Another big difference between this book and Kings is the aforementioned genealogy.  I believe this is the longest and most thorough genealogy in the bible.  While I'm going to discuss the details of this genealogy in the coming chapters, what I want to say now is that Chronicles spends a lot of time and energy trying to establish the continuity of their "present day" at the time it was written and the history of David, Solomon and even the earlier patriarchs like Abraham, Isaac and Jacob.  The genealogy does this directly by showing the lines of inheritance between these respective historical figures into the present day, and Chronicle's deep focus on the temple in Jerusalem and God's covenant with Israel establishes continuity in a more spiritual way.  Through these two topics, Chronicles places the post-exilic Judah as both the biological and spiritual inheritors of the promised land, through natural descent and God's promise.  The temple becomes a rallying point that they can gather around both as an artifact of their previous dominion over the land, as well as a symbol of God's enduring promise that they would possess the land forever.

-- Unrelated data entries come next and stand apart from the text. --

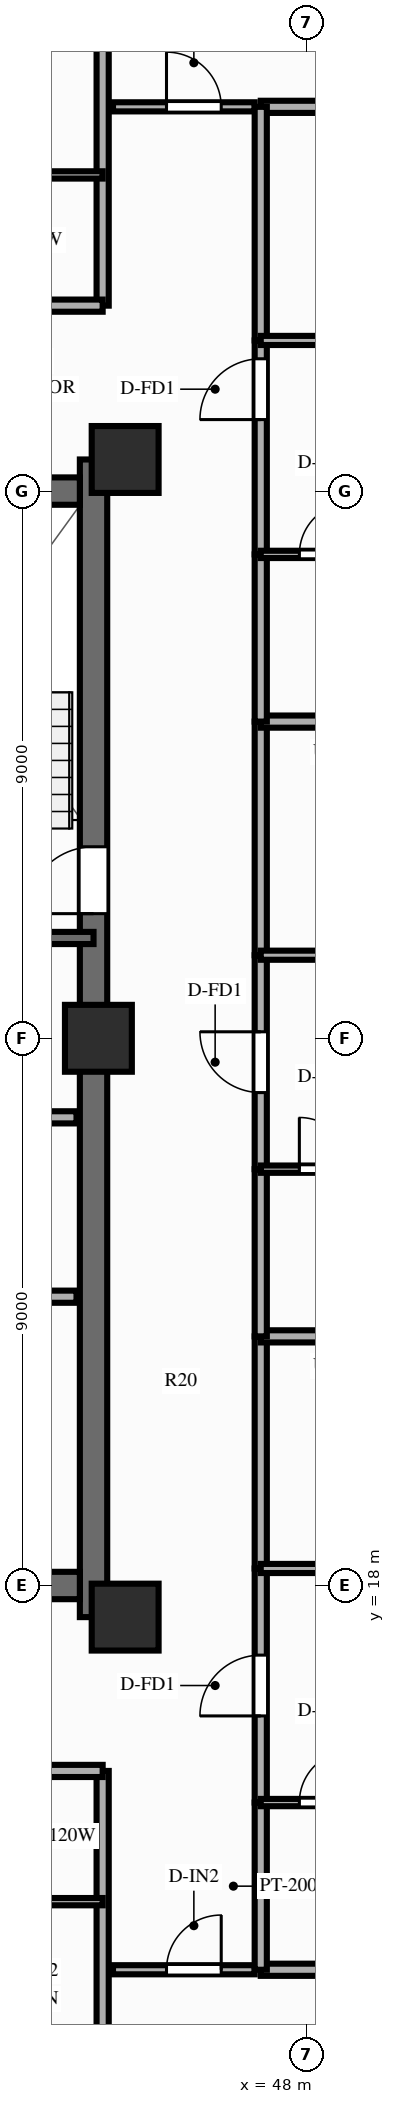
"""IFC4 building model, lengths in metres.
Left out: names, types, materials, properties, quantities, classifications, styles, units other than length and angle.
Written with IfcOpenShell. Run it as: python <this file> out.ifc"""

import sys

from ifc_helpers import new_model, si_unit, direction, frame, frame_2d, origin, origin_2d, place, context, subcontext, project, spatial, rectangle, extrude, source, transform, mapped, element, fill, save


model = new_model("IFC4")
c1 = context("Model", 3, precision=1e-05, world=origin(), true_north=direction((0.0, 1.0)))
c2 = subcontext(c1, "Body", "Model", "MODEL_VIEW")
j1 = project(units=[si_unit("LENGTHUNIT", "METRE"), si_unit("PLANEANGLEUNIT", "RADIAN")], contexts=[c1])
p1 = place(None, origin())
s1 = spatial("IfcSite", under=j1, at=p1, CompositionType="ELEMENT")
p2 = place(p1, origin())
s2 = spatial("IfcBuilding", under=s1, at=p2, CompositionType="ELEMENT")
p3 = place(p2, frame((0.0, 0.0, 199.6)))
s3 = spatial("IfcBuildingStorey", under=s2, at=p3, CompositionType="ELEMENT", Elevation=199.6)
p4 = place(p3, frame((44.5, 17.48, 0.0), z_axis=(0.0, 0.0, 1.0), x_axis=(0.0, 1.0, 0.0)))
e1 = element("IfcWall", 1, at=p4, inside=s3, PredefinedType="SHEAR", context=c2, shape_type="SweptSolid", body=[
    extrude(rectangle(XDim=19.04, YDim=0.45, at=frame_2d((9.52, 0.0))), origin(), (0.0, 0.0, 1.0), 3.0),
])
p5 = place(p4, frame((12.67, 0.0, 0.0), z_axis=(0.0, 0.0, 1.0), x_axis=(-1.0, 0.0, 0.0)))
e2 = element("IfcOpeningElement", 2, at=p5, cuts=e1, PredefinedType="OPENING", context=c2, shape_type="SweptSolid", body=[
    extrude(rectangle(XDim=1.1, YDim=2.15, at=frame_2d((0.55, 1.075))), frame((0.0, 0.237, 0.0), z_axis=(0.0, -1.0, 0.0), x_axis=(1.0, 0.0, 0.0)), (0.0, 0.0, 1.0), 0.474),
])
p6 = place(p3, frame((31.725, 18.0, 0.0), z_axis=(0.0, 0.0, 1.0), x_axis=(1.0, 0.0, 0.0)))
e3 = element("IfcWall", 3, at=p6, inside=s3, PredefinedType="SHEAR", context=c2, shape_type="SweptSolid", body=[
    extrude(rectangle(XDim=12.55, YDim=0.45, at=frame_2d((6.275, 0.0))), origin(), (0.0, 0.0, 1.0), 3.0),
])
p7 = place(p3, frame((31.725, 36.0, 0.0), z_axis=(0.0, 0.0, 1.0), x_axis=(1.0, 0.0, 0.0)))
e4 = element("IfcWall", 4, at=p7, inside=s3, PredefinedType="SHEAR", context=c2, shape_type="SweptSolid", body=[
    extrude(rectangle(XDim=12.55, YDim=0.45, at=frame_2d((6.275, 0.0))), origin(), (0.0, 0.0, 1.0), 3.0),
])
p8 = place(p7, frame((5.225, 0.0, 0.0), z_axis=(0.0, 0.0, 1.0), x_axis=(-1.0, 0.0, 0.0)))
e5 = element("IfcOpeningElement", 5, at=p8, cuts=e4, PredefinedType="OPENING", context=c2, shape_type="SweptSolid", body=[
    extrude(rectangle(XDim=1.4, YDim=2.15, at=frame_2d((0.7, 1.075))), frame((0.0, 0.237, 0.0), z_axis=(0.0, -1.0, 0.0), x_axis=(1.0, 0.0, 0.0)), (0.0, 0.0, 1.0), 0.474),
])
m1 = source(origin(), c2, "Body", "SweptSolid", [
    extrude(rectangle(XDim=1.1, YDim=1.1, at=origin_2d()), origin(), (0.0, 0.0, 1.0), 3.0),
])
for number, where, z_axis, x_axis in (
    (6, (45.02, 17.48, 0.0), (0.0, 0.0, 1.0), (1.0, 0.0, 0.0)),
    (7, (45.02, 36.52, 0.0), (0.0, 0.0, 1.0), (1.0, 0.0, 0.0)),
    (8, (44.58, 27.0, 0.0), (0.0, 0.0, 1.0), (1.0, 0.0, 0.0)),
):
    element("IfcColumn", number, at=place(p3, frame(where, z_axis=z_axis, x_axis=x_axis)), inside=s3, PredefinedType="COLUMN", context=c2, shape_type="MappedRepresentation", body=[
        mapped(m1, transform((0.0, 0.0, 0.0), scale=1.0)),
    ])
p9 = place(p3, frame((41.55, 22.75, 0.0), z_axis=(0.0, 0.0, 1.0), x_axis=(1.0, 0.0, 0.0)))
e9 = element("IfcWall", 9, at=p9, inside=s3, PredefinedType="PARTITIONING", context=c2, shape_type="SweptSolid", body=[
    extrude(rectangle(XDim=2.67, YDim=0.2, at=frame_2d((1.335, 0.0))), origin(), (0.0, 0.0, 1.0), 2.79),
])
p10 = place(p3, frame((41.55, 25.7, 0.0), z_axis=(0.0, 0.0, 1.0), x_axis=(1.0, 0.0, 0.0)))
e10 = element("IfcWall", 10, at=p10, inside=s3, PredefinedType="PARTITIONING", context=c2, shape_type="SweptSolid", body=[
    extrude(rectangle(XDim=2.67, YDim=0.2, at=frame_2d((1.335, 0.0))), origin(), (0.0, 0.0, 1.0), 2.14),
])
p11 = place(p3, frame((40.57, 28.65, 0.0), z_axis=(0.0, 0.0, 1.0), x_axis=(1.0, 0.0, 0.0)))
e11 = element("IfcWall", 11, at=p11, inside=s3, PredefinedType="SOLIDWALL", context=c2, shape_type="SweptSolid", body=[
    extrude(rectangle(XDim=3.93, YDim=0.2, at=frame_2d((1.965, 0.0))), origin(), (0.0, 0.0, 1.0), 2.79),
])
p12 = place(p3, frame((44.82, 11.68, 0.0), z_axis=(0.0, 0.0, 1.0), x_axis=(1.0, 0.0, 0.0)))
e12 = element("IfcWall", 12, at=p12, inside=s3, PredefinedType="PARTITIONING", context=c2, shape_type="SweptSolid", body=[
    extrude(rectangle(XDim=2.33, YDim=0.15, at=frame_2d((1.165, 0.0))), origin(), (0.0, 0.0, 1.0), 2.79),
])
p13 = place(p12, frame((0.88, 0.0, 0.0)))
e13 = element("IfcOpeningElement", 13, at=p13, cuts=e12, PredefinedType="OPENING", context=c2, shape_type="SweptSolid", body=[
    extrude(rectangle(XDim=0.9, YDim=2.1, at=frame_2d((0.45, 1.05))), frame((0.0, 0.087, 0.0), z_axis=(0.0, -1.0, 0.0), x_axis=(1.0, 0.0, 0.0)), (0.0, 0.0, 1.0), 0.174),
])
p14 = place(p3, frame((44.82, 42.32, 0.0), z_axis=(0.0, 0.0, 1.0), x_axis=(1.0, 0.0, 0.0)))
e14 = element("IfcWall", 14, at=p14, inside=s3, PredefinedType="PARTITIONING", context=c2, shape_type="SweptSolid", body=[
    extrude(rectangle(XDim=2.33, YDim=0.15, at=frame_2d((1.165, 0.0))), origin(), (0.0, 0.0, 1.0), 2.79),
])
p15 = place(p14, frame((0.88, 0.0, 0.0)))
e15 = element("IfcOpeningElement", 15, at=p15, cuts=e14, PredefinedType="OPENING", context=c2, shape_type="SweptSolid", body=[
    extrude(rectangle(XDim=0.9, YDim=2.1, at=frame_2d((0.45, 1.05))), frame((0.0, 0.087, 0.0), z_axis=(0.0, -1.0, 0.0), x_axis=(1.0, 0.0, 0.0)), (0.0, 0.0, 1.0), 0.174),
])
p16 = place(p3, frame((44.65, 14.95, 0.0), z_axis=(0.0, 0.0, 1.0), x_axis=(0.0, -1.0, 0.0)))
e16 = element("IfcWall", 16, at=p16, inside=s3, PredefinedType="PARTITIONING", context=c2, shape_type="SweptSolid", body=[
    extrude(rectangle(XDim=8.8, YDim=0.2, at=frame_2d((4.4, 0.0))), origin(), (0.0, 0.0, 1.0), 2.39),
])
p17 = place(p3, frame((41.8, 14.95, 0.0), z_axis=(0.0, 0.0, 1.0), x_axis=(1.0, 0.0, 0.0)))
e17 = element("IfcWall", 17, at=p17, inside=s3, PredefinedType="PARTITIONING", context=c2, shape_type="SweptSolid", body=[
    extrude(rectangle(XDim=2.85, YDim=0.2, at=frame_2d((1.425, 0.0))), origin(), (0.0, 0.0, 1.0), 2.79),
])
p18 = place(p3, frame((41.8, 12.8, 0.0), z_axis=(0.0, 0.0, 1.0), x_axis=(1.0, 0.0, 0.0)))
e18 = element("IfcWall", 18, at=p18, inside=s3, PredefinedType="PARTITIONING", context=c2, shape_type="SweptSolid", body=[
    extrude(rectangle(XDim=2.85, YDim=0.12, at=frame_2d((1.425, 0.0))), origin(), (0.0, 0.0, 1.0), 2.79),
])
p19 = place(p3, frame((44.65, 39.05, 0.0), z_axis=(0.0, 0.0, 1.0), x_axis=(0.0, 1.0, 0.0)))
e19 = element("IfcWall", 19, at=p19, inside=s3, PredefinedType="PARTITIONING", context=c2, shape_type="SweptSolid", body=[
    extrude(rectangle(XDim=8.8, YDim=0.2, at=frame_2d((4.4, 0.0))), origin(), (0.0, 0.0, 1.0), 2.39),
])
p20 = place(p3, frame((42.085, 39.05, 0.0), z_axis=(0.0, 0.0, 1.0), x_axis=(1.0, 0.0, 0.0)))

In a manner of speaking, the book of Chronicles is appealing to the past as a way to bolster their legitimacy and claims on the land into the future.  This is particularly relevant in the post-exilic period because the people may not feel like the land of Judah is "their place" without understanding their historical presence in the area.

In summary, Chronicles is a book written primarily for the people of Judah, focusing on the history of Judah, it describes David and Solomon in idealistic terms to establish a historical "golden age" that they could aspire to rebuild when returning from exile, and it seeks to establish a continuity with the past to both justify and inspire Judah's reoccupation of the promised land and Jerusalem.  In all of these aspects, Chronicles is really a product of its time.